A maioria dos nossos leitores reclamava que, num país
onde boa parte da população recebe um salário
mínimo (às vezes nem isso), ver um magistrado
receber mais de 20 mil reais, acrescidos de jetons e regalias,
chega a ser um desaforo; especialmente porque a produtividade
no Poder Judiciário não é das maiores
- ainda. Num universo de 44 mensagens, apenas dois leitores
defenderam o aumento pleiteado pelos magistrados.

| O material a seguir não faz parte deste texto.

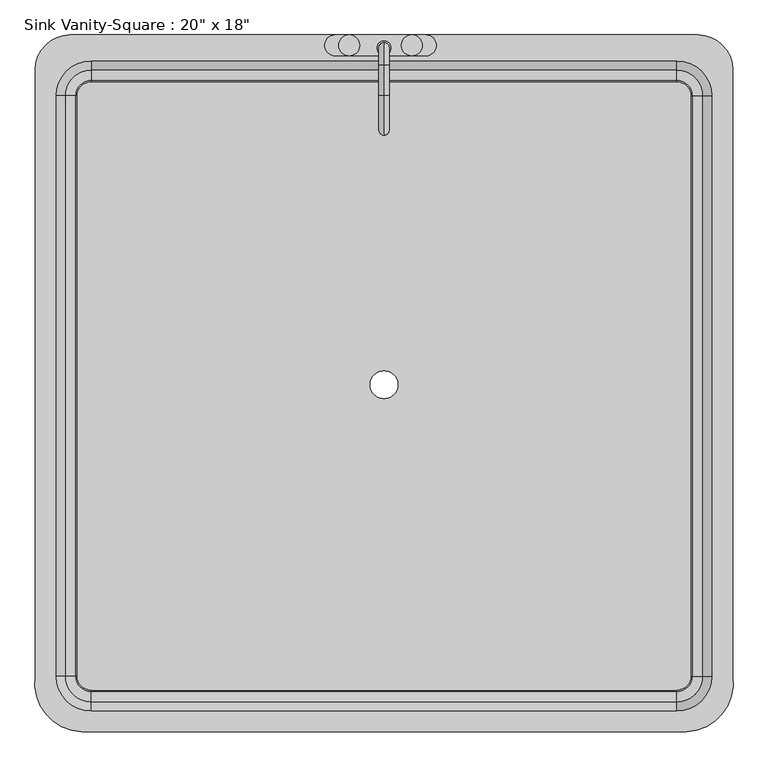
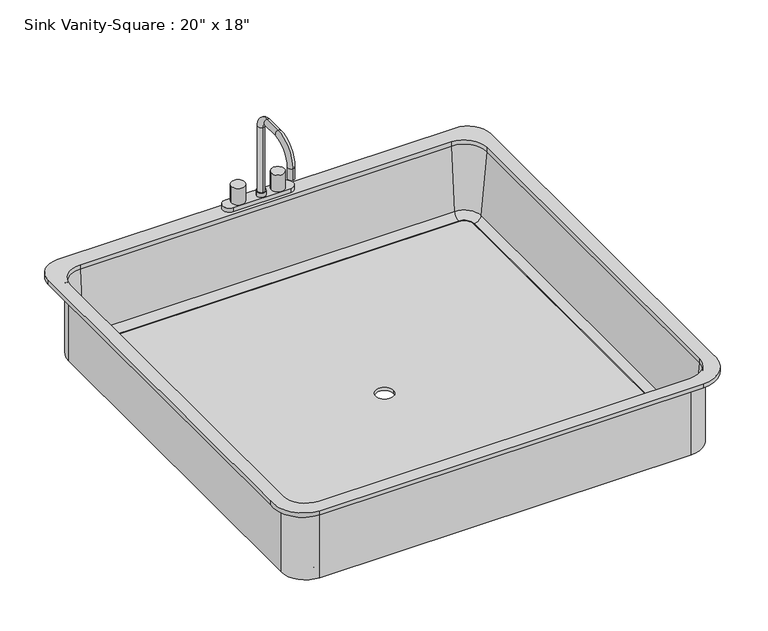
"""IFC4 building model written with IfcOpenShell, lengths in millimetres: flow terminal geometry."""

from ifc_helpers import new_model, si_unit, point, frame, frame_2d, origin, place, context, project, spatial, polyline, circle_curve, ellipse_curve, trimmed, segment, composite_curve, outline, extrude, source, transform, mapped, element, save
from ifc_brep_helpers import plane_surface, cylinder_surface, revolved_surface, advanced_brep


def flow_terminal_6a24c7e0(model_context):
    return source(origin(), model_context, "Body", "SolidModel", [
        extrude(outline(composite_curve([segment(trimmed(circle_curve(frame_2d((549.0892406, 475.4204011)), 25.4), [point((549.0892406, 500.8204011))], [point((574.4892406, 475.4204011))], False, "CARTESIAN"), True, "CONTINUOUS"), segment(polyline([(574.4892406, 475.4204011), (574.4892406, -581.8545989)]), True, "CONTINUOUS"), segment(trimmed(circle_curve(frame_2d((549.0892406, -581.8545989)), 25.4), [point((574.4892406, -581.8545989))], [point((549.0892406, -607.2545989))], False, "CARTESIAN"), True, "CONTINUOUS"), segment(polyline([(549.0892406, -607.2545989), (-517.7107594, -607.2545989)]), True, "CONTINUOUS"), segment(trimmed(circle_curve(frame_2d((-517.7107594, -581.8545989)), 25.4), [point((-517.7107594, -607.2545989))], [point((-543.1107594, -581.8545989))], False, "CARTESIAN"), True, "CONTINUOUS"), segment(polyline([(-543.1107594, -581.8545989), (-543.1107594, 475.4204011)]), True, "CONTINUOUS"), segment(trimmed(circle_curve(frame_2d((-517.7107594, 475.4204011)), 25.4), [point((-543.1107594, 475.4204011))], [point((-517.7107594, 500.8204011))], False, "CARTESIAN"), True, "CONTINUOUS"), segment(polyline([(-517.7107594, 500.8204011), (549.0892406, 500.8204011)]), True, "CONTINUOUS")], self_intersect=False), holes=[composite_curve([segment(trimmed(circle_curve(frame_2d((15.6892406, -50.8)), 25.4), [point((-9.7107594, -50.8))], [point((41.0892406, -50.8))], True, "CARTESIAN"), True, "CONTINUOUS"), segment(trimmed(circle_curve(frame_2d((15.6892406, -50.8)), 25.4), [point((41.0892406, -50.8))], [point((-9.7107594, -50.8))], True, "CARTESIAN"), True, "CONTINUOUS")], self_intersect=False)]), frame((0.0, 0.0, 571.5), z_axis=(0.0, 0.0, 1.0), x_axis=(1.0, 0.0, 0.0)), (0.0, 0.0, 1.0), 9.525),
        extrude(outline(composite_curve([segment(trimmed(circle_curve(frame_2d((-47.8107594, 567.4954011)), 19.05), [point((-66.8607594, 567.4954011))], [point((-28.7607594, 567.4954011))], False, "CARTESIAN"), True, "CONTINUOUS"), segment(trimmed(circle_curve(frame_2d((-47.8107594, 567.4954011)), 19.05), [point((-28.7607594, 567.4954011))], [point((-66.8607594, 567.4954011))], False, "CARTESIAN"), True, "CONTINUOUS")], self_intersect=False)), frame((0.0, 0.0, 812.8), z_axis=(0.0, 0.0, 1.0), x_axis=(1.0, 0.0, 0.0)), (0.0, 0.0, 1.0), 50.8),
        extrude(outline(composite_curve([segment(trimmed(circle_curve(frame_2d((66.4892406, 567.4954011)), 19.05), [point((47.4392406, 567.4954011))], [point((85.5392406, 567.4954011))], False, "CARTESIAN"), True, "CONTINUOUS"), segment(trimmed(circle_curve(frame_2d((66.4892406, 567.4954011)), 19.05), [point((85.5392406, 567.4954011))], [point((47.4392406, 567.4954011))], False, "CARTESIAN"), True, "CONTINUOUS")], self_intersect=False)), frame((0.0, 0.0, 812.8), z_axis=(0.0, 0.0, 1.0), x_axis=(1.0, 0.0, 0.0)), (0.0, 0.0, 1.0), 50.8),
        advanced_brep(
        [(91.8892406, 586.5454011, 800.1), (91.8892406, 548.4454011, 800.1), (-73.2107594, 548.4454011, 800.1), (-73.2107594, 586.5454011, 800.1), (15.6892406, 572.2579011, 1020.7625), (15.6892406, 553.2079011, 1020.7625), (15.6892406, 553.2079011, 825.5), (15.6892406, 572.2579011, 825.5), (15.6892406, 532.5704011, 1060.45), (15.6892406, 532.5704011, 1041.4), (15.6892406, 477.0079011, 1060.45), (15.6892406, 477.0079011, 1041.4), (15.6892406, 403.9829011, 987.425), (15.6892406, 423.0329011, 987.425), (15.6892406, 403.9829011, 952.5), (15.6892406, 423.0329011, 952.5), (2.9892406, 562.7329011, 825.5), (28.3892406, 562.7329011, 825.5), (2.9892406, 562.7329011, 812.8), (28.3892406, 562.7329011, 812.8), (91.8892406, 586.5454011, 812.8), (-73.2107594, 586.5454011, 812.8), (-73.2107594, 548.4454011, 812.8), (91.8892406, 548.4454011, 812.8)],
        [
            (0, 1, circle_curve(frame((91.8892406, 567.4954011, 800.1), z_axis=(0.0, 0.0, -1.0), x_axis=(1.0, 0.0, 0.0)), 19.05)),
            (1, 2),
            (2, 3, circle_curve(frame((-73.2107594, 567.4954011, 800.1), z_axis=(0.0, 0.0, -1.0), x_axis=(1.0, 0.0, 0.0)), 19.05)),
            (3, 0),
            (4, 5, circle_curve(frame((15.6892406, 562.7329011, 1020.7625), z_axis=(0.0, 0.0, -1.0), x_axis=(0.0, -1.0, 0.0)), 9.525)),
            (5, 6),
            (6, 7, circle_curve(frame((15.6892406, 562.7329011, 825.5), z_axis=(0.0, 0.0, 1.0), x_axis=(0.0, -1.0, 0.0)), 9.525)),
            (7, 4),
            (5, 4, circle_curve(frame((15.6892406, 562.7329011, 1020.7625), z_axis=(0.0, 0.0, -1.0), x_axis=(0.0, -1.0, 0.0)), 9.525)),
            (7, 6, circle_curve(frame((15.6892406, 562.7329011, 825.5), z_axis=(0.0, 0.0, 1.0), x_axis=(0.0, -1.0, 0.0)), 9.525)),
            (4, 8, circle_curve(frame((15.6892406, 532.5704011, 1020.7625), z_axis=(1.0, 0.0, 0.0), x_axis=(0.0, 1.0, 0.0)), 39.6875)),
            (8, 9, circle_curve(frame((15.6892406, 532.5704011, 1050.925), z_axis=(0.0, 1.0, 0.0), x_axis=(0.0, 0.0, -1.0)), 9.525)),
            (9, 5, circle_curve(frame((15.6892406, 532.5704011, 1020.7625), z_axis=(-1.0, 0.0, 0.0), x_axis=(0.0, 1.0, 0.0)), 20.6375)),
            (9, 8, circle_curve(frame((15.6892406, 532.5704011, 1050.925), z_axis=(0.0, 1.0, 0.0), x_axis=(0.0, 0.0, -1.0)), 9.525)),
            (8, 10),
            (10, 11, circle_curve(frame((15.6892406, 477.0079011, 1050.925), z_axis=(0.0, 1.0, 0.0), x_axis=(0.0, 0.0, -1.0)), 9.525)),
            (11, 9),
            (11, 10, circle_curve(frame((15.6892406, 477.0079011, 1050.925), z_axis=(0.0, 1.0, 0.0), x_axis=(0.0, 0.0, -1.0)), 9.525)),
            (10, 12, circle_curve(frame((15.6892406, 477.0079011, 987.425), z_axis=(1.0, 0.0, 0.0), x_axis=(0.0, 0.0, 1.0)), 73.025)),
            (12, 13, circle_curve(frame((15.6892406, 413.5079011, 987.425), z_axis=(0.0, 0.0, 1.0), x_axis=(0.0, 1.0, 0.0)), 9.525)),
            (13, 11, circle_curve(frame((15.6892406, 477.0079011, 987.425), z_axis=(-1.0, 0.0, 0.0), x_axis=(0.0, 0.0, 1.0)), 53.975)),
            (13, 12, circle_curve(frame((15.6892406, 413.5079011, 987.425), z_axis=(0.0, 0.0, 1.0), x_axis=(0.0, 1.0, 0.0)), 9.525)),
            (14, 15, circle_curve(frame((15.6892406, 413.5079011, 952.5), z_axis=(0.0, 0.0, -1.0), x_axis=(0.0, 1.0, 0.0)), 9.525)),
            (15, 14, circle_curve(frame((15.6892406, 413.5079011, 952.5), z_axis=(0.0, 0.0, -1.0), x_axis=(0.0, 1.0, 0.0)), 9.525)),
            (12, 14),
            (15, 13),
            (16, 17, circle_curve(frame((15.6892406, 562.7329011, 825.5), z_axis=(0.0, 0.0, 1.0), x_axis=(1.0, 0.0, 0.0)), 12.7)),
            (17, 16, circle_curve(frame((15.6892406, 562.7329011, 825.5), z_axis=(0.0, 0.0, 1.0), x_axis=(1.0, 0.0, 0.0)), 12.7)),
            (16, 18),
            (18, 19, circle_curve(frame((15.6892406, 562.7329011, 812.8), z_axis=(0.0, 0.0, 1.0), x_axis=(1.0, 0.0, 0.0)), 12.7)),
            (19, 17),
            (19, 18, circle_curve(frame((15.6892406, 562.7329011, 812.8), z_axis=(0.0, 0.0, 1.0), x_axis=(1.0, 0.0, 0.0)), 12.7)),
            (20, 21),
            (21, 22, circle_curve(frame((-73.2107594, 567.4954011, 812.8), z_axis=(0.0, 0.0, 1.0), x_axis=(1.0, 0.0, 0.0)), 19.05)),
            (22, 23),
            (23, 20, circle_curve(frame((91.8892406, 567.4954011, 812.8), z_axis=(0.0, 0.0, 1.0), x_axis=(1.0, 0.0, 0.0)), 19.05)),
            (20, 0),
            (3, 21),
            (2, 22),
            (1, 23),
        ],
        [
            plane_surface(frame((15.6892406, 553.2079011, 800.1), z_axis=(0.0, 0.0, -1.0), x_axis=(1.0, 0.0, 0.0))),
            cylinder_surface(frame((15.6892406, 562.7329011, 800.1), z_axis=(0.0, 0.0, -1.0), x_axis=(0.0, -1.0, 0.0)), 9.525),
            revolved_surface(trimmed(ellipse_curve(frame((15.6892406, 562.7329011, 1020.7625), z_axis=(0.0, 0.0, -1.0), x_axis=(0.0, -1.0, 0.0)), 9.525, 9.525), [point((15.6892406, 572.2579011, 1020.7625))], [point((15.6892406, 553.2079011, 1020.7625))], True, "CARTESIAN"), (15.6892406, 532.5704011, 1020.7625), (1.0, 0.0, 0.0)),
            revolved_surface(trimmed(ellipse_curve(frame((15.6892406, 562.7329011, 1020.7625), z_axis=(0.0, 0.0, -1.0), x_axis=(0.0, -1.0, 0.0)), 9.525, 9.525), [point((15.6892406, 553.2079011, 1020.7625))], [point((15.6892406, 572.2579011, 1020.7625))], True, "CARTESIAN"), (15.6892406, 532.5704011, 1020.7625), (1.0, 0.0, 0.0)),
            cylinder_surface(frame((15.6892406, 532.5704011, 1050.925), z_axis=(0.0, 1.0, 0.0), x_axis=(0.0, 0.0, -1.0)), 9.525),
            revolved_surface(trimmed(ellipse_curve(frame((15.6892406, 477.0079011, 1050.925), z_axis=(0.0, 1.0, 0.0), x_axis=(0.0, 0.0, -1.0)), 9.525, 9.525), [point((15.6892406, 477.0079011, 1060.45))], [point((15.6892406, 477.0079011, 1041.4))], True, "CARTESIAN"), (15.6892406, 477.0079011, 987.425), (1.0, 0.0, 0.0)),
            revolved_surface(trimmed(ellipse_curve(frame((15.6892406, 477.0079011, 1050.925), z_axis=(0.0, 1.0, 0.0), x_axis=(0.0, 0.0, -1.0)), 9.525, 9.525), [point((15.6892406, 477.0079011, 1041.4))], [point((15.6892406, 477.0079011, 1060.45))], True, "CARTESIAN"), (15.6892406, 477.0079011, 987.425), (1.0, 0.0, 0.0)),
            plane_surface(frame((15.6892406, 403.9829011, 952.5), z_axis=(0.0, 0.0, -1.0), x_axis=(-1.0, 0.0, 0.0))),
            cylinder_surface(frame((15.6892406, 413.5079011, 987.425), z_axis=(0.0, 0.0, 1.0), x_axis=(0.0, 1.0, 0.0)), 9.525),
            plane_surface(frame((28.3892406, 562.7329011, 825.5), z_axis=(0.0, 0.0, 1.0), x_axis=(0.0, 1.0, 0.0))),
            cylinder_surface(frame((15.6892406, 562.7329011, 812.8), z_axis=(0.0, 0.0, 1.0), x_axis=(1.0, 0.0, 0.0)), 12.7),
            plane_surface(frame((-73.2107594, 586.5454011, 812.8), z_axis=(0.0, 0.0, 1.0), x_axis=(-1.0, 0.0, 0.0))),
            plane_surface(frame((91.8892406, 586.5454011, 812.8), z_axis=(0.0, 1.0, 0.0), x_axis=(0.0, 0.0, -1.0))),
            cylinder_surface(frame((-73.2107594, 567.4954011, 800.1), z_axis=(0.0, 0.0, 1.0), x_axis=(1.0, 0.0, 0.0)), 19.05),
            plane_surface(frame((-73.2107594, 548.4454011, 812.8), z_axis=(0.0, -1.0, 0.0), x_axis=(0.0, 0.0, -1.0))),
            cylinder_surface(frame((91.8892406, 567.4954011, 800.1), z_axis=(0.0, 0.0, 1.0), x_axis=(1.0, 0.0, 0.0)), 19.05),
        ],
        [
            (0, [[1, 2, 3, 4]]),
            (1, [[5, 6, 7, 8]]),
            (1, [[9, -8, 10, -6]]),
            (2, [[-5, 11, 12, 13]]),
            (3, [[-9, -13, 14, -11]]),
            (4, [[-12, 15, 16, 17]]),
            (4, [[-14, -17, 18, -15]]),
            (5, [[-16, 19, 20, 21]]),
            (6, [[-18, -21, 22, -19]]),
            (7, [[23, 24]]),
            (8, [[-20, 25, -24, 26]]),
            (8, [[-22, -26, -23, -25]]),
            (9, [[27, 28], [-7, -10]]),
            (10, [[-27, 29, 30, 31]]),
            (10, [[-28, -31, 32, -29]]),
            (11, [[33, 34, 35, 36], [-30, -32]]),
            (12, [[-33, 37, -4, 38]]),
            (13, [[-34, -38, -3, 39]]),
            (14, [[-35, -39, -2, 40]]),
            (15, [[-36, -40, -1, -37]]),
        ],
    ),
        advanced_brep(
        [(-534.9606923, -683.4545989, 800.1), (566.3391735, -683.4545989, 800.1), (650.6892406, -581.8545989, 800.1), (650.6892406, 523.0454011, 800.1), (587.1892406, 586.5454011, 800.1), (-555.8107593, 586.5454011, 800.1), (-619.3107593, 523.0454011, 800.1), (-619.3107593, -581.8545982, 800.1), (549.0892406, 538.9204011, 800.1), (612.5892406, 475.4204011, 800.1), (612.5892406, -581.8545989, 800.1), (549.0892406, -645.3545989, 800.1), (-517.7107594, -645.3545989, 800.1), (-581.2107594, -581.8545989, 800.1), (-581.2107594, 475.4204011, 800.1), (-517.7107594, 538.9204011, 800.1), (-534.9606923, -683.4545989, 787.4), (-619.3107593, -581.8545982, 787.4), (-619.3107593, 523.0454011, 787.4), (-555.8107593, 586.5454011, 787.4), (587.1892406, 586.5454011, 787.4), (650.6892406, 523.0454011, 787.4), (650.6892406, -581.8545989, 787.4), (566.3391735, -683.4545989, 787.4), (618.9392406, 475.4204011, 787.4), (549.0892406, 545.2704011, 787.4), (-517.7107594, 545.2704011, 787.4), (-587.5607594, 475.4204011, 787.4), (-587.5607594, -581.8545989, 787.4), (-517.7107594, -651.7045989, 787.4), (549.0892406, -651.7045989, 787.4), (618.9392406, -581.8545989, 787.4), (549.0892406, 538.9204011, 787.4), (612.5892406, 475.4204011, 787.4), (612.5892406, -581.8545989, 787.4), (549.0892406, -645.3545989, 787.4), (-517.7107594, -645.3545989, 787.4), (-581.2107594, -581.8545989, 787.4), (-581.2107594, 475.4204011, 787.4), (-517.7107594, 538.9204011, 787.4), (618.9392406, 475.4204011, 571.5), (549.0892406, 545.2704011, 571.5), (574.4892406, 475.4204011, 571.5), (549.0892406, 500.8204011, 571.5), (574.4892406, 475.4204011, 581.025), (549.0892406, 500.8204011, 581.025), (577.0776588, 475.4204011, 581.025), (549.0892406, 503.4088193, 581.025), (596.0551678, 475.4204011, 598.4146831), (549.0892406, 522.3863283, 598.4146831), (618.9392406, -581.8545989, 571.5), (574.4892406, -581.8545989, 571.5), (574.4892406, -581.8545989, 581.025), (577.0776588, -581.8545989, 581.025), (596.0551678, -581.8545989, 598.4146831), (549.0892406, -651.7045989, 571.5), (549.0892406, -607.2545989, 571.5), (549.0892406, -607.2545989, 581.025), (549.0892406, -609.8430171, 581.025), (549.0892406, -628.8205261, 598.4146831), (-517.7107594, -651.7045989, 571.5), (-517.7107594, -607.2545989, 571.5), (-517.7107594, -607.2545989, 581.025), (-517.7107594, -609.8430171, 581.025), (-517.7107594, -628.8205261, 598.4146831), (-587.5607594, -581.8545989, 571.5), (-543.1107594, -581.8545989, 571.5), (-543.1107594, -581.8545989, 581.025), (-545.6991776, -581.8545989, 581.025), (-564.6766866, -581.8545989, 598.4146831), (-587.5607594, 475.4204011, 571.5), (-543.1107594, 475.4204011, 571.5), (-543.1107594, 475.4204011, 581.025), (-545.6991776, 475.4204011, 581.025), (-564.6766866, 475.4204011, 598.4146831), (-517.7107594, 545.2704011, 571.5), (-517.7107594, 500.8204011, 571.5), (-517.7107594, 500.8204011, 581.025), (-517.7107594, 503.4088193, 581.025), (-517.7107594, 522.3863283, 598.4146831)],
        [
            (0, 1),
            (1, 2, circle_curve(frame((562.5319557, -594.4793432, 800.1), z_axis=(0.0, 0.0, 1.0), x_axis=(1.0, 0.0, 0.0)), 89.0566732)),
            (2, 3),
            (3, 4, circle_curve(frame((587.1892406, 523.0454011, 800.1), z_axis=(0.0, 0.0, 1.0), x_axis=(1.0, 0.0, 0.0)), 63.5)),
            (4, 5),
            (5, 6, circle_curve(frame((-555.8107593, 523.0454011, 800.1), z_axis=(0.0, 0.0, 1.0), x_axis=(1.0, 0.0, 0.0)), 63.5)),
            (6, 7),
            (7, 0, circle_curve(frame((-531.1534746, -594.4793432, 800.1), z_axis=(0.0, 0.0, 1.0), x_axis=(1.0, 0.0, 0.0)), 89.0566732)),
            (8, 9, circle_curve(frame((549.0892406, 475.4204011, 800.1), z_axis=(0.0, 0.0, -1.0), x_axis=(1.0, 0.0, 0.0)), 63.5)),
            (9, 10),
            (10, 11, circle_curve(frame((549.0892406, -581.8545989, 800.1), z_axis=(0.0, 0.0, -1.0), x_axis=(1.0, 0.0, 0.0)), 63.5)),
            (11, 12),
            (12, 13, circle_curve(frame((-517.7107594, -581.8545989, 800.1), z_axis=(0.0, 0.0, -1.0), x_axis=(1.0, 0.0, 0.0)), 63.5)),
            (13, 14),
            (14, 15, circle_curve(frame((-517.7107594, 475.4204011, 800.1), z_axis=(0.0, 0.0, -1.0), x_axis=(1.0, 0.0, 0.0)), 63.5)),
            (15, 8),
            (16, 17, circle_curve(frame((-531.1534746, -594.4793432, 787.4), z_axis=(0.0, 0.0, -1.0), x_axis=(1.0, 0.0, 0.0)), 89.0566732)),
            (17, 18),
            (18, 19, circle_curve(frame((-555.8107593, 523.0454011, 787.4), z_axis=(0.0, 0.0, -1.0), x_axis=(1.0, 0.0, 0.0)), 63.5)),
            (19, 20),
            (20, 21, circle_curve(frame((587.1892406, 523.0454011, 787.4), z_axis=(0.0, 0.0, -1.0), x_axis=(1.0, 0.0, 0.0)), 63.5)),
            (21, 22),
            (22, 23, circle_curve(frame((562.5319557, -594.4793432, 787.4), z_axis=(0.0, 0.0, -1.0), x_axis=(1.0, 0.0, 0.0)), 89.0566732)),
            (23, 16),
            (24, 25, circle_curve(frame((549.0892406, 475.4204011, 787.4), z_axis=(0.0, 0.0, 1.0), x_axis=(0.0, 1.0, 0.0)), 69.85)),
            (25, 26),
            (26, 27, circle_curve(frame((-517.7107594, 475.4204011, 787.4), z_axis=(0.0, 0.0, 1.0), x_axis=(-1.0, 0.0, 0.0)), 69.85)),
            (27, 28),
            (28, 29, circle_curve(frame((-517.7107594, -581.8545989, 787.4), z_axis=(0.0, 0.0, 1.0), x_axis=(0.0, -1.0, 0.0)), 69.85)),
            (29, 30),
            (30, 31, circle_curve(frame((549.0892406, -581.8545989, 787.4), z_axis=(0.0, 0.0, 1.0), x_axis=(1.0, 0.0, 0.0)), 69.85)),
            (31, 24),
            (0, 16),
            (23, 1),
            (22, 2),
            (21, 3),
            (20, 4),
            (19, 5),
            (18, 6),
            (17, 7),
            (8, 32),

Por outro lado, alguém parou para pensar que um executivo
(o dito “mosca branca”: de alto nível e
disputado por várias empresas e RHs) chega a ganhar
até doze vezes mais do que um Juiz? São, de
fato, duas relações bem diferentes. Os magistrados
são pagos pelo Estado, ou seja: de certa forma, com
o dinheiro dos seus impostos. Já um executivo é
remunerado por uma empresa privada. Mas em se tratando de
volume de trabalho, será mesmo que os magistrados,
quando comparados com executivos, são tão bem
pagos assim?
PROCESSOS
EM TRAMITAÇÃO NO JUDICIÁRIO: 35
MILHÕES
PROCESSOS ENCERRADOS A CADA ANO: CERCA
DE 20 MILHÕES
MÉDIA DE DURAÇÃO DE UM PROCESSO NO PAÍS:
8 ANOS
Fonte:
Estadão – 03/12/2006- p. A4
Relações com a imprensa ou manipulação
da imprensa?
Nossos
analistas de comunicação de massa juntaram os
vários pedaços do quebra-cabeças e chamam
a atenção para o fato de que a grande mídia
- talvez sem perceber e na boa intenção de informar
a sociedade – foi, de certa forma, usada como uma espécie
de palanque para requisições de salários
do Judiciário.
Mas
sejamos justos, do ponto de vista da informação
objetiva, excelentes matérias podem ser encontradas
principalmente na Agência Estado. Artigos e análises
mais profundas da “onda”, contudo, estão
em falta no mercado da informação.
Juntando
as peças
Por
fim, se você se interessa pelo tema, sugerimos ainda
a leitura do impresso, pois os textos da internet são
formatados para leitura rápida e não trazem
informações tão profundas quanto as da
imprensa escrita.
Em
especial, indicamos O Estado de São Paulo – 3
de dezembro de 2006 – e duas matérias da Folha
de S. Paulo – sobre a Defensoria Pública –
Caderno Brasil, A24 e A25 – 3 de dezembro de 2006.
Leia
ainda outras matérias que foram pinçadas e organizadas
- em meio ao mar de informações da internet
- e tire suas próprias conclusões. Boa leitura!
Justiça
tem 35 milhões de ações, que levam 8
anos para chegar ao fim
Judiciário
custa mais que Segurança em sete Estados
Gasto
com tribunais bate o de Segurança em 7 Estados
Promotores
temem que cortes atinjam Ministério Público
Conselho
eleva teto do Ministério Público nos Estados
para R$ 24.500
E a discussão continua...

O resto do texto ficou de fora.